Our last NSW thread being merged with an other thread.

Hence i request all Chennaites to join here to help each other.

Lets just hope it does not get merged again.

See you all.

Cheers

Santhosh


----------



## Murali_D (Dec 10, 2013)

battulas78 said:


> Hi All,
> 
> Our last NSW thread being merged with an other thread.
> 
> ...



Hi Santhosh,

Thank you again for creating this thread. As you said, our old thread gone somewhere and unable to follow. Hence we shall stick with this thread.

Thank you
Murali


----------



## australia.ind (Jan 24, 2013)

battulas78 said:


> Hi All,
> 
> Our last NSW thread being merged with an other thread.
> 
> ...


Great!!! Guys anyone moving recently to sydney let me know,we have a room to share..
PM me for rent and others ...


----------



## Santhosh.15 (Nov 16, 2013)

Murali_D said:


> Hi Santhosh,
> 
> Thank you again for creating this thread. As you said, our old thread gone somewhere and unable to follow. Hence we shall stick with this thread.
> 
> ...


Hi Murali

Sure. Nice to see you back.

So all set to book your tickets ??

Santhosh


----------



## Santhosh.15 (Nov 16, 2013)

australia.ind said:


> Great!!! Guys anyone moving recently to sydney let me know,we have a room to share..
> PM me for rent and others ...


Hi mate

Its nice to find help. Precisely the reason needed for chennaites.

Cheers

Santhosh


----------



## australia.ind (Jan 24, 2013)

battulas78 said:


> Hi All,
> 
> Our last NSW thread being merged with an other thread.
> 
> ...


Thanks for creating again


----------



## sidswami (Oct 31, 2013)

Thanks Santhosh. The merged thread was really confusing.

Regards,
Sid


----------



## Murali_D (Dec 10, 2013)

battulas78 said:


> Hi Murali
> 
> Sure. Nice to see you back.
> 
> ...



Hi Santhosh,

In couple of weeks, I will book the tickets to Sydney. Planning on April 3rd week.

Thanks 
Murali


----------



## Santhosh.15 (Nov 16, 2013)

sidswami said:


> Thanks Santhosh. The merged thread was really confusing.
> 
> Regards,
> Sid


@ Murali: Good luck. Wish you a very bright future at OZ land.

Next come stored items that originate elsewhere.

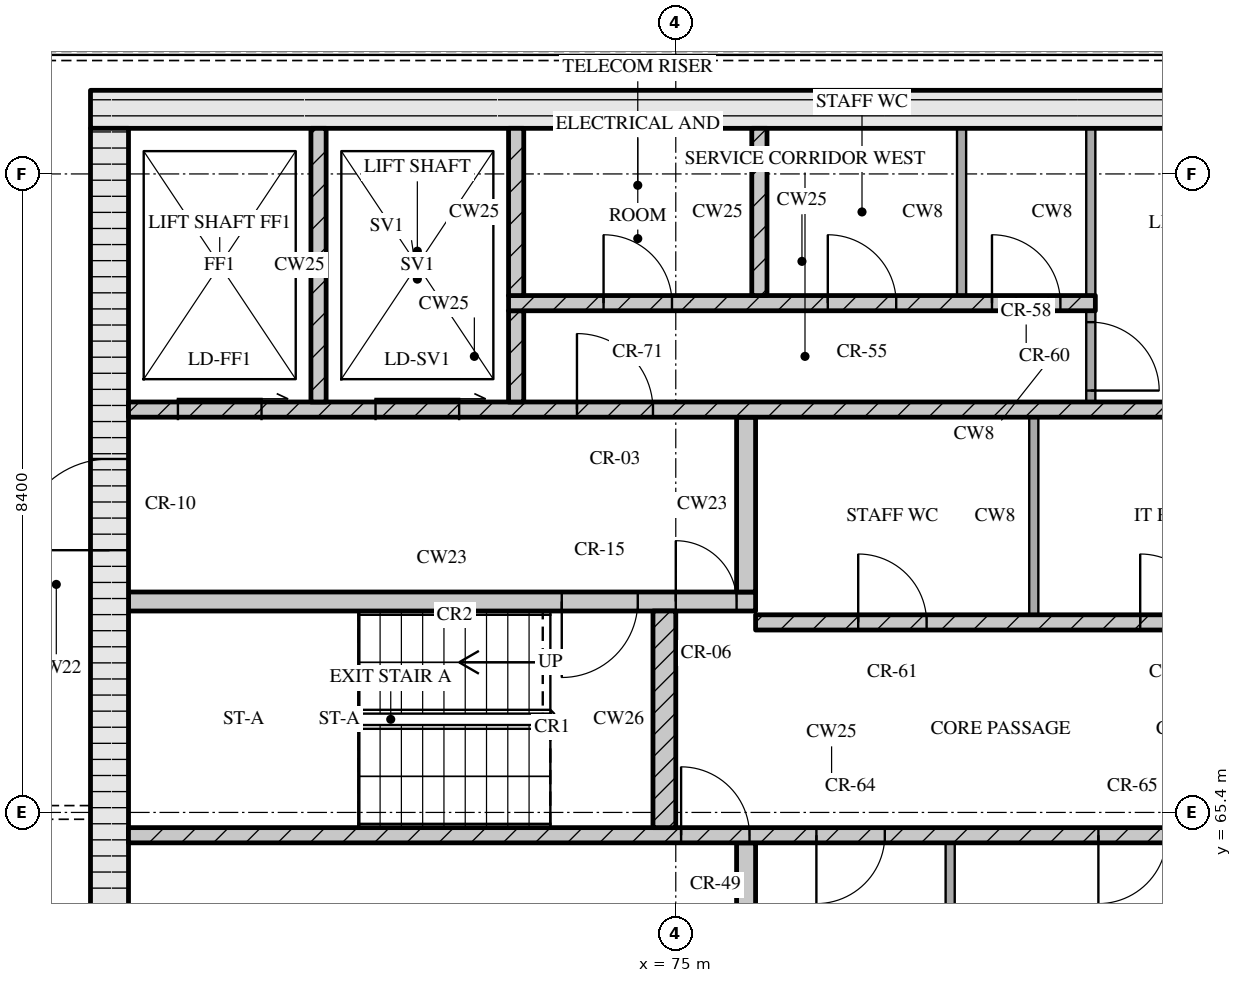
"""IFC4 building model, lengths in metres.
Left out: names, types, materials, properties, quantities, classifications, styles, units other than length and angle.
Written with IfcOpenShell. Run it as: python <this file> out.ifc"""

import sys

from ifc_helpers import new_model, si_unit, direction, frame, frame_2d, origin, place, context, subcontext, project, spatial, rectangle, extrude, element, fill, save


model = new_model("IFC4")
c1 = context("Model", 3, precision=1e-05, world=origin(), true_north=direction((0.0, 1.0)))
c2 = subcontext(c1, "Body", "Model", "MODEL_VIEW")
j1 = project(units=[si_unit("LENGTHUNIT", "METRE"), si_unit("PLANEANGLEUNIT", "RADIAN")], contexts=[c1])
p1 = place(None, origin())
s1 = spatial("IfcSite", under=j1, at=p1, CompositionType="ELEMENT")
p2 = place(p1, origin())
s2 = spatial("IfcBuilding", under=s1, at=p2, CompositionType="ELEMENT")
p3 = place(p2, frame((0.0, 0.0, 281.55)))
s3 = spatial("IfcBuildingStorey", under=s2, at=p3, CompositionType="ELEMENT", Elevation=281.55)
p4 = place(p3, frame((67.3, 74.65, 0.0), z_axis=(0.0, 0.0, 1.0), x_axis=(1.0, 0.0, 0.0)))
e1 = element("IfcWall", 1, at=p4, inside=s3, PredefinedType="SOLIDWALL", context=c2, shape_type="SweptSolid", body=[
    extrude(rectangle(XDim=40.6, YDim=0.5, at=frame_2d((20.3, 0.0))), origin(), (0.0, 0.0, 1.0), 3.32),
])
p5 = place(p3, frame((67.55, 62.4, 0.0), z_axis=(0.0, 0.0, 1.0), x_axis=(0.0, 1.0, 0.0)))
e2 = element("IfcWall", 2, at=p5, inside=s3, PredefinedType="SOLIDWALL", context=c2, shape_type="SweptSolid", body=[
    extrude(rectangle(XDim=12.0, YDim=0.5, at=frame_2d((6.0, 0.0))), origin(), (0.0, 0.0, 1.0), 3.32),
])
p6 = place(p5, frame((6.45, 0.0, 0.0)))
e3 = element("IfcOpeningElement", 3, at=p6, cuts=e2, PredefinedType="OPENING", context=c2, shape_type="SweptSolid", body=[
    extrude(rectangle(XDim=1.2, YDim=2.1, at=frame_2d((0.6, 1.05))), frame((0.0, 0.26, 0.0), z_axis=(0.0, -1.0, 0.0), x_axis=(1.0, 0.0, 0.0)), (0.0, 0.0, 1.0), 0.52),
])
p7 = place(p3, frame((75.925, 62.4, 0.0), z_axis=(0.0, 0.0, 1.0), x_axis=(0.0, 1.0, 0.0)))
e4 = element("IfcWall", 4, at=p7, inside=s3, PredefinedType="SOLIDWALL", context=c2, shape_type="SweptSolid", body=[
    extrude(rectangle(XDim=2.6, YDim=0.25, at=frame_2d((1.3, 0.0))), origin(), (0.0, 0.0, 1.0), 3.32),
])
p8 = place(p3, frame((78.61, 62.4, 0.0), z_axis=(0.0, 0.0, 1.0), x_axis=(0.0, 1.0, 0.0)))
e5 = element("IfcWall", 5, at=p8, inside=s3, PredefinedType="PARTITIONING", context=c2, shape_type="SweptSolid", body=[
    extrude(rectangle(XDim=2.6, YDim=0.12, at=frame_2d((1.3, 0.0))), origin(), (0.0, 0.0, 1.0), 3.32),
])
p9 = place(p3, frame((67.8, 65.1, 0.0), z_axis=(0.0, 0.0, 1.0), x_axis=(1.0, 0.0, 0.0)))
e6 = element("IfcWall", 6, at=p9, inside=s3, PredefinedType="SOLIDWALL", context=c2, shape_type="SweptSolid", body=[
    extrude(rectangle(XDim=18.5, YDim=0.2, at=frame_2d((9.25, 0.0))), origin(), (0.0, 0.0, 1.0), 3.32),
])
p10 = place(p9, frame((7.27, 0.0, 0.0)))
e7 = element("IfcOpeningElement", 7, at=p10, cuts=e6, PredefinedType="OPENING", context=c2, shape_type="SweptSolid", body=[
    extrude(rectangle(XDim=0.9, YDim=2.1, at=frame_2d((0.45, 1.05))), frame((0.0, 0.11, 0.0), z_axis=(0.0, -1.0, 0.0), x_axis=(1.0, 0.0, 0.0)), (0.0, 0.0, 1.0), 0.22),
])
p11 = place(p9, frame((9.05, 0.0, 0.0)))
e8 = element("IfcOpeningElement", 8, at=p11, cuts=e6, PredefinedType="OPENING", context=c2, shape_type="SweptSolid", body=[
    extrude(rectangle(XDim=0.9, YDim=2.1, at=frame_2d((0.45, 1.05))), frame((0.0, 0.11, 0.0), z_axis=(0.0, -1.0, 0.0), x_axis=(1.0, 0.0, 0.0)), (0.0, 0.0, 1.0), 0.22),
])
p12 = place(p9, frame((12.76, 0.0, 0.0)))
e9 = element("IfcOpeningElement", 9, at=p12, cuts=e6, PredefinedType="OPENING", context=c2, shape_type="SweptSolid", body=[
    extrude(rectangle(XDim=0.9, YDim=2.1, at=frame_2d((0.45, 1.05))), frame((0.0, 0.11, 0.0), z_axis=(0.0, -1.0, 0.0), x_axis=(1.0, 0.0, 0.0)), (0.0, 0.0, 1.0), 0.22),
])
p13 = place(p9, frame((16.7, 0.0, 0.0)))
e10 = element("IfcOpeningElement", 10, at=p13, cuts=e6, PredefinedType="OPENING", context=c2, shape_type="SweptSolid", body=[
    extrude(rectangle(XDim=0.9, YDim=2.1, at=frame_2d((0.45, 1.05))), frame((0.0, 0.11, 0.0), z_axis=(0.0, -1.0, 0.0), x_axis=(1.0, 0.0, 0.0)), (0.0, 0.0, 1.0), 0.22),
])
p14 = place(p3, frame((74.85, 65.2, 0.0), z_axis=(0.0, 0.0, 1.0), x_axis=(0.0, 1.0, 0.0)))
e11 = element("IfcWall", 11, at=p14, inside=s3, PredefinedType="SOLIDWALL", context=c2, shape_type="SweptSolid", body=[
    extrude(rectangle(XDim=2.85, YDim=0.3, at=frame_2d((1.425, 0.0))), origin(), (0.0, 0.0, 1.0), 3.32),
])
p15 = place(p3, frame((76.05, 67.9, 0.0), z_axis=(0.0, 0.0, 1.0), x_axis=(1.0, 0.0, 0.0)))
e12 = element("IfcWall", 12, at=p15, inside=s3, PredefinedType="SOLIDWALL", context=c2, shape_type="SweptSolid", body=[
    extrude(rectangle(XDim=23.1, YDim=0.2, at=frame_2d((11.55, 0.0))), origin(), (0.0, 0.0, 1.0), 3.32),
])
p16 = place(p15, frame((1.35, 0.0, 0.0)))
e13 = element("IfcOpeningElement", 13, at=p16, cuts=e12, PredefinedType="OPENING", context=c2, shape_type="SweptSolid", body=[
    extrude(rectangle(XDim=0.9, YDim=2.1, at=frame_2d((0.45, 1.05))), frame((0.0, 0.11, 0.0), z_axis=(0.0, -1.0, 0.0), x_axis=(1.0, 0.0, 0.0)), (0.0, 0.0, 1.0), 0.22),
])
p17 = place(p15, frame((5.06, 0.0, 0.0)))
e14 = element("IfcOpeningElement", 14, at=p17, cuts=e12, PredefinedType="OPENING", context=c2, shape_type="SweptSolid", body=[
    extrude(rectangle(XDim=0.9, YDim=2.1, at=frame_2d((0.45, 1.05))), frame((0.0, 0.11, 0.0), z_axis=(0.0, -1.0, 0.0), x_axis=(1.0, 0.0, 0.0)), (0.0, 0.0, 1.0), 0.22),
])
p18 = place(p15, frame((8.45, 0.0, 0.0)))
e15 = element("IfcOpeningElement", 15, at=p18, cuts=e12, PredefinedType="OPENING", context=c2, shape_type="SweptSolid", body=[
    extrude(rectangle(XDim=0.9, YDim=2.1, at=frame_2d((0.45, 1.05))), frame((0.0, 0.11, 0.0), z_axis=(0.0, -1.0, 0.0), x_axis=(1.0, 0.0, 0.0)), (0.0, 0.0, 1.0), 0.22),
])
p19 = place(p15, frame((10.91, 0.0, 0.0)))
e16 = element("IfcOpeningElement", 16, at=p19, cuts=e12, PredefinedType="OPENING", context=c2, shape_type="SweptSolid", body=[
    extrude(rectangle(XDim=0.9, YDim=2.1, at=frame_2d((0.45, 1.05))), frame((0.0, 0.11, 0.0), z_axis=(0.0, -1.0, 0.0), x_axis=(1.0, 0.0, 0.0)), (0.0, 0.0, 1.0), 0.22),
])
p20 = place(p15, frame((13.55, 0.0, 0.0)))
e17 = element("IfcOpeningElement", 17, at=p20, cuts=e12, PredefinedType="OPENING", context=c2, shape_type="SweptSolid", body=[
    extrude(rectangle(XDim=1.0, YDim=2.1, at=frame_2d((0.5, 1.05))), frame((0.0, 0.11, 0.0), z_axis=(0.0, -1.0, 0.0), x_axis=(1.0, 0.0, 0.0)), (0.0, 0.0, 1.0), 0.22),
])
p21 = place(p15, frame((16.2, 0.0, 0.0)))
e18 = element("IfcOpeningElement", 18, at=p21, cuts=e12, PredefinedType="OPENING", context=c2, shape_type="SweptSolid", body=[
    extrude(rectangle(XDim=1.1, YDim=2.1, at=frame_2d((0.55, 1.05))), frame((0.0, 0.11, 0.0), z_axis=(0.0, -1.0, 0.0), x_axis=(1.0, 0.0, 0.0)), (0.0, 0.0, 1.0), 0.22),
])
p22 = place(p15, frame((18.7, 0.0, 0.0)))
e19 = element("IfcOpeningElement", 19, at=p22, cuts=e12, PredefinedType="OPENING", context=c2, shape_type="SweptSolid", body=[
    extrude(rectangle(XDim=1.1, YDim=2.1, at=frame_2d((0.55, 1.05))), frame((0.0, 0.11, 0.0), z_axis=(0.0, -1.0, 0.0), x_axis=(1.0, 0.0, 0.0)), (0.0, 0.0, 1.0), 0.22),
])
p23 = place(p15, frame((21.2, 0.0, 0.0)))
e20 = element("IfcOpeningElement", 20, at=p23, cuts=e12, PredefinedType="OPENING", context=c2, shape_type="SweptSolid", body=[
    extrude(rectangle(XDim=1.1, YDim=2.1, at=frame_2d((0.55, 1.05))), frame((0.0, 0.11, 0.0), z_axis=(0.0, -1.0, 0.0), x_axis=(1.0, 0.0, 0.0)), (0.0, 0.0, 1.0), 0.22),
])
p24 = place(p3, frame((79.71, 68.0, 0.0), z_axis=(0.0, 0.0, 1.0), x_axis=(0.0, 1.0, 0.0)))
e21 = element("IfcWall", 21, at=p24, inside=s3, PredefinedType="PARTITIONING", context=c2, shape_type="SweptSolid", body=[
    extrude(rectangle(XDim=2.6, YDim=0.12, at=frame_2d((1.3, 0.0))), origin(), (0.0, 0.0, 1.0), 3.32),
])
p25 = place(p3, frame((67.8, 68.175, 0.0), z_axis=(0.0, 0.0, 1.0), x_axis=(1.0, 0.0, 0.0)))
e22 = element("IfcWall", 22, at=p25, inside=s3, PredefinedType="SOLIDWALL", context=c2, shape_type="SweptSolid", body=[
    extrude(rectangle(XDim=8.25, YDim=0.25, at=frame_2d((4.125, 0.0))), origin(), (0.0, 0.0, 1.0), 3.32),
])
p26 = place(p25, frame((5.7, 0.0, 0.0)))
e23 = element("IfcOpeningElement", 23, at=p26, cuts=e22, PredefinedType="OPENING", context=c2, shape_type="SweptSolid", body=[
    extrude(rectangle(XDim=1.0, YDim=2.1, at=frame_2d((0.5, 1.05))), frame((0.0, 0.135, 0.0), z_axis=(0.0, -1.0, 0.0), x_axis=(1.0, 0.0, 0.0)), (0.0, 0.0, 1.0), 0.27),
])
p27 = place(p25, frame((7.2, 0.0, 0.0)))
e24 = element("IfcOpeningElement", 24, at=p27, cuts=e22, PredefinedType="OPENING", context=c2, shape_type="SweptSolid", body=[
    extrude(rectangle(XDim=0.8, YDim=2.1, at=frame_2d((0.4, 1.05))), frame((0.0, 0.135, 0.0), z_axis=(0.0, -1.0, 0.0), x_axis=(1.0, 0.0, 0.0)), (0.0, 0.0, 1.0), 0.27),
])
p28 = place(p3, frame((75.925, 68.3, 0.0), z_axis=(0.0, 0.0, 1.0), x_axis=(0.0, 1.0, 0.0)))
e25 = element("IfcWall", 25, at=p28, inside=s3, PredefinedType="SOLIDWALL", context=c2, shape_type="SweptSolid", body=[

@ Austrlia.ind & Sid : Thanks. Yeah, we need a thread. Lets hope it does not get merged again.

Cheers

Santhosh


----------



## VidyaS (Oct 27, 2013)

battulas78 said:


> @ Murali: Good luck. Wish you a very bright future at OZ land.
> 
> @ Austrlia.ind & Sid : Thanks. Yeah, we need a thread. Lets hope it does not get merged again.
> 
> ...



Hi Santhosh,

I am also from Chennai and would like to join this forum. I am awaiting NSW State Nomination. Thanks for starting this thread. 

Thanks,


----------



## Santhosh.15 (Nov 16, 2013)

VidyaS said:


> Hi Santhosh,
> 
> I am also from Chennai and would like to join this forum. I am awaiting NSW State Nomination. Thanks for starting this thread.
> 
> Thanks,


Hi Vidya

Welcome to the Chennaites Group.

Good luck for your NSW SS. Kindly share your job category and acknowledgement number

I have applied under Financial Investment advisor category and my ack number is 13/70***.

Good luck 

Santhosh


----------



## VidyaS (Oct 27, 2013)

battulas78 said:


> Hi Vidya
> 
> Welcome to the Chennaites Group.
> 
> ...


Hi Santhosh,

I have applied for 262113-System Administrator. My Ack number is 13/63** and received on 5th Nov '13. 

Thanks,


----------



## Santhosh.15 (Nov 16, 2013)

VidyaS said:


> Hi Santhosh,
> 
> I have applied for 262113-System Administrator. My Ack number is 13/63** and received on 5th Nov '13.
> 
> Thanks,


Oh good. I noticed in other forum that ack number almost of yours been getting invitations.....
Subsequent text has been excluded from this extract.